Aujourd'hui encore, il est difficile de «croire en un Dieu fait homme». Le rappel de l'évolution et des batailles de nos ancêtres dans la foi pour arriver à affirmer que Jésus est à la fois homme et Dieu, nous montre bien que cette vision inédite de Dieu rencontrait la résistance de la philosophie grecque, de la foi juive et des religions anciennes. Cette foi en l'incarnation de Dieu implique, selon l'auteur, que le Dieu de Jésus a de l'homme en lui, qu'il y a donc de l'imparfait et de l'inachevé en Dieu. Le Dieu de Jésus est un Dieu incarné, un Dieu vulnérable, qui ne cherche qu'à révéler à l'humain sa destinée et son amour pour lui. Ce cadre, où on présente les conséquences d'un Dieu qui ne serait rien d'autre qu'amour, introduit quelques réflexions sur la trinité : on comprend Dieu comme trinité, là où l'amour circule, se donne et se réalise.

En quoi la croix est-elle un sacrifice ? Quel péché efface-t-elle ? Qui sera sauvé par elle ? Voilà des questions qui agacent plusieurs de nos contemporains et qui minent passablement une saine compréhension du Dieu de Jésus. Que faire d'un Dieu qui se réjouit du sacrifice de son Fils, qui exige une rançon pour le salut des personnes ? Duquesne s'attaque à ces questions épineuses dans le second versant de son ouvrage. Encore une fois, l'idée de sacrifice apparaît comme une interprétation possible de la mort de Jésus en croix (bien qu'elle ne soit pas l'unique comme le prétend l'auteur), mais sa signification s'oppose à l'enseignement de Jésus. On insiste trop sur le péché originel, cause du mal du monde, et sur ses implications dans la vie ecclésiale. Longtemps, on y a méprisé le travail humain, la femme, la sexualité. Des générations de théologiens ont ainsi dû faire des pirouettes pour expliquer le sort des enfants morts avant le baptême, des justes morts avant l'Incarnation, etc. Le Dieu de Jésus ne demande pas de sacrifice. Malgré la présence de ce vocabulaire (c'est un bon exemple de ce qui était disponible dans la boîte à outils intellectuelle de l'époque), on peut comprendre de manière positive le sacrifice de Jésus : il sacrifie sa vie parce qu'il se donne totalement à Dieu et aux humains. Il ne se sacrifie ni pour satisfaire un père en colère, ni pour payer une dette, mais simplement parce que sa mission l'y entraîne par amour.

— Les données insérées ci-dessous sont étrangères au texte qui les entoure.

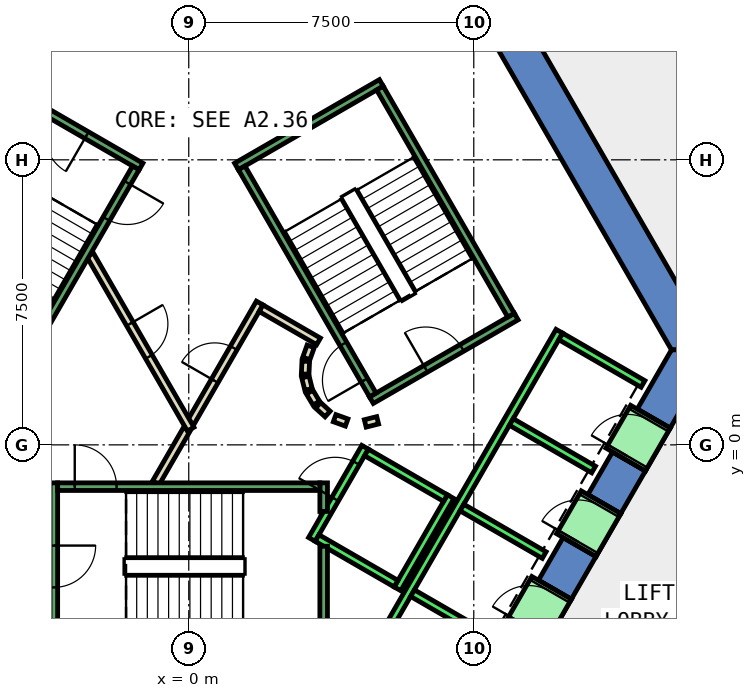
"""IFC4 building model, lengths in metres.
Left out: names, types, materials, properties, quantities, classifications, styles, units other than length and angle.
Written with IfcOpenShell. Run it as: python <this file> out.ifc"""

import sys

from ifc_helpers import new_model, si_unit, direction, frame, frame_2d, origin, place, context, subcontext, project, spatial, polyline, rectangle, outline, extrude, element, fill, save


model = new_model("IFC4")
c1 = context("Model", 3, precision=1e-05, world=origin(), true_north=direction((0.0, 1.0)))
c2 = subcontext(c1, "Body", "Model", "MODEL_VIEW")
j1 = project(units=[si_unit("LENGTHUNIT", "METRE"), si_unit("PLANEANGLEUNIT", "RADIAN")], contexts=[c1])
p1 = place(None, origin())
s1 = spatial("IfcSite", under=j1, at=p1, CompositionType="ELEMENT")
p2 = place(p1, origin())
s2 = spatial("IfcBuilding", under=s1, at=p2, CompositionType="ELEMENT")
p3 = place(p2, frame((0.0, 0.0, 176.0)))
s3 = spatial("IfcBuildingStorey", under=s2, at=p3, CompositionType="ELEMENT", Elevation=176.0)
p4 = place(p3, frame((0.0, 0.0, -0.4)))
e1 = element("IfcWall", 1, at=p4, inside=s3, PredefinedType="SHEAR", context=c2, shape_type="SweptSolid", body=[
    extrude(outline(polyline([(8.517, 11.748), (7.651, 11.248), (12.702, 2.5), (13.856, 2.5), (8.517, 11.748)])), origin(), (0.0, 0.0, 1.0), 4.2),
])
p5 = place(p3, frame((0.0, 0.0, -0.4)))
e2 = element("IfcWall", 2, at=p5, inside=s3, PredefinedType="SHEAR", context=c2, shape_type="SweptSolid", body=[
    extrude(outline(polyline([(10.717, -2.937), (9.851, -2.437), (9.201, -3.563), (10.067, -4.063), (10.717, -2.937)])), origin(), (0.0, 0.0, 1.0), 4.2),
])
p6 = place(p3, frame((0.0, 0.0, -0.4)))
e3 = element("IfcWall", 3, at=p6, inside=s3, PredefinedType="SHEAR", context=c2, shape_type="SweptSolid", body=[
    extrude(outline(polyline([(12.017, -0.686), (11.151, -0.186), (10.501, -1.311), (11.367, -1.811), (12.017, -0.686)])), origin(), (0.0, 0.0, 1.0), 4.2),
])
p7 = place(p3, frame((0.0, 0.0, -0.4)))
e4 = element("IfcWall", 4, at=p7, inside=s3, PredefinedType="SHEAR", context=c2, shape_type="SweptSolid", body=[
    extrude(outline(polyline([(11.801, 0.94), (12.667, 0.44), (13.856, 2.5), (12.702, 2.5), (11.801, 0.94)])), origin(), (0.0, 0.0, 1.0), 4.2),
])
p8 = place(p3, frame((0.0, 0.0, 3.6)))
e5 = element("IfcWall", 5, at=p8, inside=s3, PredefinedType="SHEAR", context=c2, shape_type="SweptSolid", body=[
    extrude(outline(polyline([(10.067, -4.063), (9.201, -3.563), (8.551, -4.689), (9.417, -5.189), (10.067, -4.063)])), origin(), (0.0, 0.0, 1.0), 0.2),
])
p9 = place(p3, frame((0.0, 0.0, 3.6)))
e6 = element("IfcWall", 6, at=p9, inside=s3, PredefinedType="SHEAR", context=c2, shape_type="SweptSolid", body=[
    extrude(outline(polyline([(11.367, -1.811), (10.501, -1.311), (9.851, -2.437), (10.717, -2.937), (11.367, -1.811)])), origin(), (0.0, 0.0, 1.0), 0.2),
])
p10 = place(p3, frame((0.0, 0.0, 3.6)))
e7 = element("IfcWall", 7, at=p10, inside=s3, PredefinedType="SHEAR", context=c2, shape_type="SweptSolid", body=[
    extrude(outline(polyline([(12.667, 0.44), (11.801, 0.94), (11.151, -0.186), (12.017, -0.686), (12.667, 0.44)])), origin(), (0.0, 0.0, 1.0), 0.2),
])
p11 = place(p3, frame((-0.866, -1.0, 0.0), z_axis=(0.0, 0.0, 1.0), x_axis=(0.500033287521, 0.866006184372, 0.0)))
e8 = element("IfcWall", 8, at=p11, inside=s3, PredefinedType="PARTITIONING", context=c2, shape_type="SweptSolid", body=[
    extrude(rectangle(XDim=1.632, YDim=0.2, at=frame_2d((0.816, 0.0))), origin(), (0.0, 0.0, 1.0), 3.75),
])
p12 = place(p3, frame((0.05, 0.587, 0.0), z_axis=(0.0, 0.0, 1.0), x_axis=(0.500028932171, 0.866008699143, 0.0)))
e9 = element("IfcWall", 9, at=p12, inside=s3, PredefinedType="PARTITIONING", context=c2, shape_type="SweptSolid", body=[
    extrude(rectangle(XDim=3.632, YDim=0.2, at=frame_2d((1.816, 0.0))), origin(), (0.0, 0.0, 1.0), 3.75),
])
p13 = place(p12, frame((1.266, 0.0, 0.0)))
e10 = element("IfcOpeningElement", 10, at=p13, cuts=e9, PredefinedType="OPENING", context=c2, shape_type="SweptSolid", body=[
    extrude(rectangle(XDim=1.0, YDim=2.1, at=frame_2d((0.5, 1.05))), frame((0.0, 0.11, 0.0), z_axis=(0.0, -1.0, 0.0), x_axis=(1.0, 0.0, 0.0)), (0.0, 0.0, 1.0), 0.22),
])
p14 = place(p3, frame((1.903, 3.595, 0.0), z_axis=(0.0, 0.0, 1.0), x_axis=(0.866239139897, -0.499629615326, 0.0)))
e11 = element("IfcWall", 11, at=p14, inside=s3, PredefinedType="PARTITIONING", context=c2, shape_type="SweptSolid", body=[
    extrude(rectangle(XDim=1.745, YDim=0.2, at=frame_2d((0.873, 0.0))), origin(), (0.0, 0.0, 1.0), 3.75),
])
p15 = place(p3, frame((3.208, 2.592, 0.0), z_axis=(0.0, 0.0, 1.0), x_axis=(-0.337388820924, -0.941365382578, 0.0)))
e12 = element("IfcWall", 12, at=p15, inside=s3, PredefinedType="PARTITIONING", context=c2, shape_type="SweptSolid", body=[
    extrude(rectangle(XDim=0.338, YDim=0.2, at=frame_2d((0.169, 0.0))), origin(), (0.0, 0.0, 1.0), 3.75),
])
p16 = place(p3, frame((3.079, 2.199, 0.0), z_axis=(0.0, 0.0, 1.0), x_axis=(-0.047771483479, -0.998858290933, 0.0)))
e13 = element("IfcWall", 13, at=p16, inside=s3, PredefinedType="PARTITIONING", context=c2, shape_type="SweptSolid", body=[
    extrude(rectangle(XDim=0.337, YDim=0.2, at=frame_2d((0.169, 0.0))), origin(), (0.0, 0.0, 1.0), 3.75),
])
p17 = place(p3, frame((3.07, 1.786, 0.0), z_axis=(0.0, 0.0, 1.0), x_axis=(0.242705583207, -0.970099994784, 0.0)))
e14 = element("IfcWall", 14, at=p17, inside=s3, PredefinedType="PARTITIONING", context=c2, shape_type="SweptSolid", body=[
    extrude(rectangle(XDim=0.338, YDim=0.2, at=frame_2d((0.169, 0.0))), origin(), (0.0, 0.0, 1.0), 3.75),
])
for number, where, z_axis, x_axis in (
    (15, (3.182, 1.388, 0.0), (0.0, 0.0, 1.0), (0.512, -0.859, 0.0)),
    (16, (3.404, 1.039, 0.0), (0.0, 0.0, 1.0), (0.74, -0.672, 0.0)),
):
    element("IfcWall", number, at=place(p3, frame(where, z_axis=z_axis, x_axis=x_axis)), inside=s3, PredefinedType="PARTITIONING", context=c2, shape_type="SweptSolid", body=[
        extrude(rectangle(XDim=0.338, YDim=0.2, at=frame_2d((0.169, 0.0))), origin(), (0.0, 0.0, 1.0), 3.75),
    ])
p18 = place(p3, frame((3.838, 0.702, 0.0), z_axis=(0.0, 0.0, 1.0), x_axis=(0.941035081519, -0.338308993895, 0.0)))
e17 = element("IfcWall", 17, at=p18, inside=s3, PredefinedType="PARTITIONING", context=c2, shape_type="SweptSolid", body=[
    extrude(rectangle(XDim=0.337, YDim=0.2, at=frame_2d((0.168, 0.0))), origin(), (0.0, 0.0, 1.0), 3.75),
])
p19 = place(p3, frame((4.644, 0.564, 0.0), z_axis=(0.0, 0.0, 1.0), x_axis=(0.969929076366, 0.243387729394, 0.0)))
e18 = element("IfcWall", 18, at=p19, inside=s3, PredefinedType="PARTITIONING", context=c2, shape_type="SweptSolid", body=[
    extrude(rectangle(XDim=0.337, YDim=0.2, at=frame_2d((0.168, 0.0))), origin(), (0.0, 0.0, 1.0), 3.75),
])
p20 = place(p3, frame((-2.598, 5.0, 0.0), z_axis=(0.0, 0.0, 1.0), x_axis=(0.49995654735, -0.86605048973, 0.0)))
e19 = element("IfcWall", 19, at=p20, inside=s3, PredefinedType="PARTITIONING", context=c2, shape_type="SweptSolid", body=[
    extrude(rectangle(XDim=5.296, YDim=0.2, at=frame_2d((2.648, 0.0))), origin(), (0.0, 0.0, 1.0), 3.75),
])
p21 = place(p20, frame((2.098, 0.0, 0.0)))
e20 = element("IfcOpeningElement", 20, at=p21, cuts=e19, PredefinedType="OPENING", context=c2, shape_type="SweptSolid", body=[
    extrude(rectangle(XDim=1.0, YDim=2.1, at=frame_2d((0.5, 1.05))), frame((0.0, 0.11, 0.0), z_axis=(0.0, -1.0, 0.0), x_axis=(1.0, 0.0, 0.0)), (0.0, 0.0, 1.0), 0.22),
])
p22 = place(p3, frame((18.03, 2.13, 0.0), z_axis=(0.0, 0.0, 1.0), x_axis=(-0.499919790729, -0.866071707676, 0.0)))
e21 = element("IfcWall", 21, at=p22, inside=s3, PredefinedType="PARTITIONING", context=c2, shape_type="SweptSolid", body=[
    extrude(rectangle(XDim=10.46, YDim=0.2, at=frame_2d((5.23, 0.0))), origin(), (0.0, 0.0, 1.0), 3.75),
])
p23 = place(p3, frame((3.24, -2.488, 0.0), z_axis=(0.0, 0.0, 1.0), x_axis=(0.49994636267, 0.866056369097, 0.0)))
e22 = element("IfcWall", 22, at=p23, inside=s3, PredefinedType="STANDARD", context=c2, shape_type="SweptSolid", body=[
    extrude(rectangle(XDim=2.8, YDim=0.2, at=frame_2d((1.4, 0.0))), origin(), (0.0, 0.0, 1.0), 3.75),
])
p24 = place(p23, frame((1.225, 0.0, 0.0)))
e23 = element("IfcOpeningElement", 23, at=p24, cuts=e22, PredefinedType="OPENING", context=c2, shape_type="SweptSolid", body=[
    extrude(rectangle(XDim=1.1, YDim=2.1, at=frame_2d((0.55, 1.05))), frame((0.0, 0.11, 0.0), z_axis=(0.0, -1.0, 0.0), x_axis=(1.0, 0.0, 0.0)), (0.0, 0.0, 1.0), 0.22),
])
p25 = place(p3, frame((5.492, -3.788, 0.0), z_axis=(0.0, 0.0, 1.0), x_axis=(0.500011755427, 0.866018616679, 0.0)))
e24 = element("IfcWall", 24, at=p25, inside=s3, PredefinedType="STANDARD", context=c2, shape_type="SweptSolid", body=[
    extrude(rectangle(XDim=2.8, YDim=0.2, at=frame_2d((1.4, 0.0))), origin(), (0.0, 0.0, 1.0), 3.75),
])
p26 = place(p3, frame((3.377, -2.452, 0.0), z_axis=(0.0, 0.0, 1.0), x_axis=(0.865955154139, -0.50012165622, 0.0)))
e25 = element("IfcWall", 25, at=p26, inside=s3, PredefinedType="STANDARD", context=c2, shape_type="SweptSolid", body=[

La mort de Jésus en croix apparaît comme l'aboutissement de son engagement, cherchant par tous les moyens à révéler qui est Dieu.

Il n'est pas un Dieu qui punit. Contrairement aux images du Dieu vengeur de l'Ancien Testament et aux paroles violentes de Jésus, qui longtemps ont donné du souffle à une pratique pastorale de la peur, les prédications de Jésus révèlent un Dieu de miséricorde et d'amour inconditionnel. Duquesne sépare l'ivraie du bon grain en montrant l'évolution des conceptions bibliques et les circonstances qui permettaient à l'évangéliste Matthieu, par exemple, de mettre de telles paroles dans la bouche de Jésus.

Le chapitre dernier, récapitulatif, met en lumière les éléments importants qui nous permettent aujourd'hui de vivre du Dieu de Jésus dans la joie et l'espérance. Dégageons donc Dieu des dérapages et des mentalités archaïques qui ressurgissent continuellement dans nos histoires et le défigurent. Retenons alors que Dieu, le Dieu de Jésus, «aime comme un fou», au point de paraître injuste, de nier sa propre liberté, de refuser la puissance, de se faire l'un d'entre nous, imparfait, en train de se faire. Le Dieu de Jésus demeure, selon l'auteur, pour la femme et l'homme modernes «un Dieu surprenant».

Si le livre dévoile le Dieu de Jésus aux femmes et aux hommes d'aujourd'hui, s'il leur donne de se dégager de mentalités dépassées et de mieux vivre leur foi en ce Dieu d'amour, alors bravo M. Duquesne, vous réussissez là où plusieurs spécialistes de nos institutions, tant ecclésiales qu'académiques, échouent : commencer à dire le Dieu de Jésus pour aujourd'hui.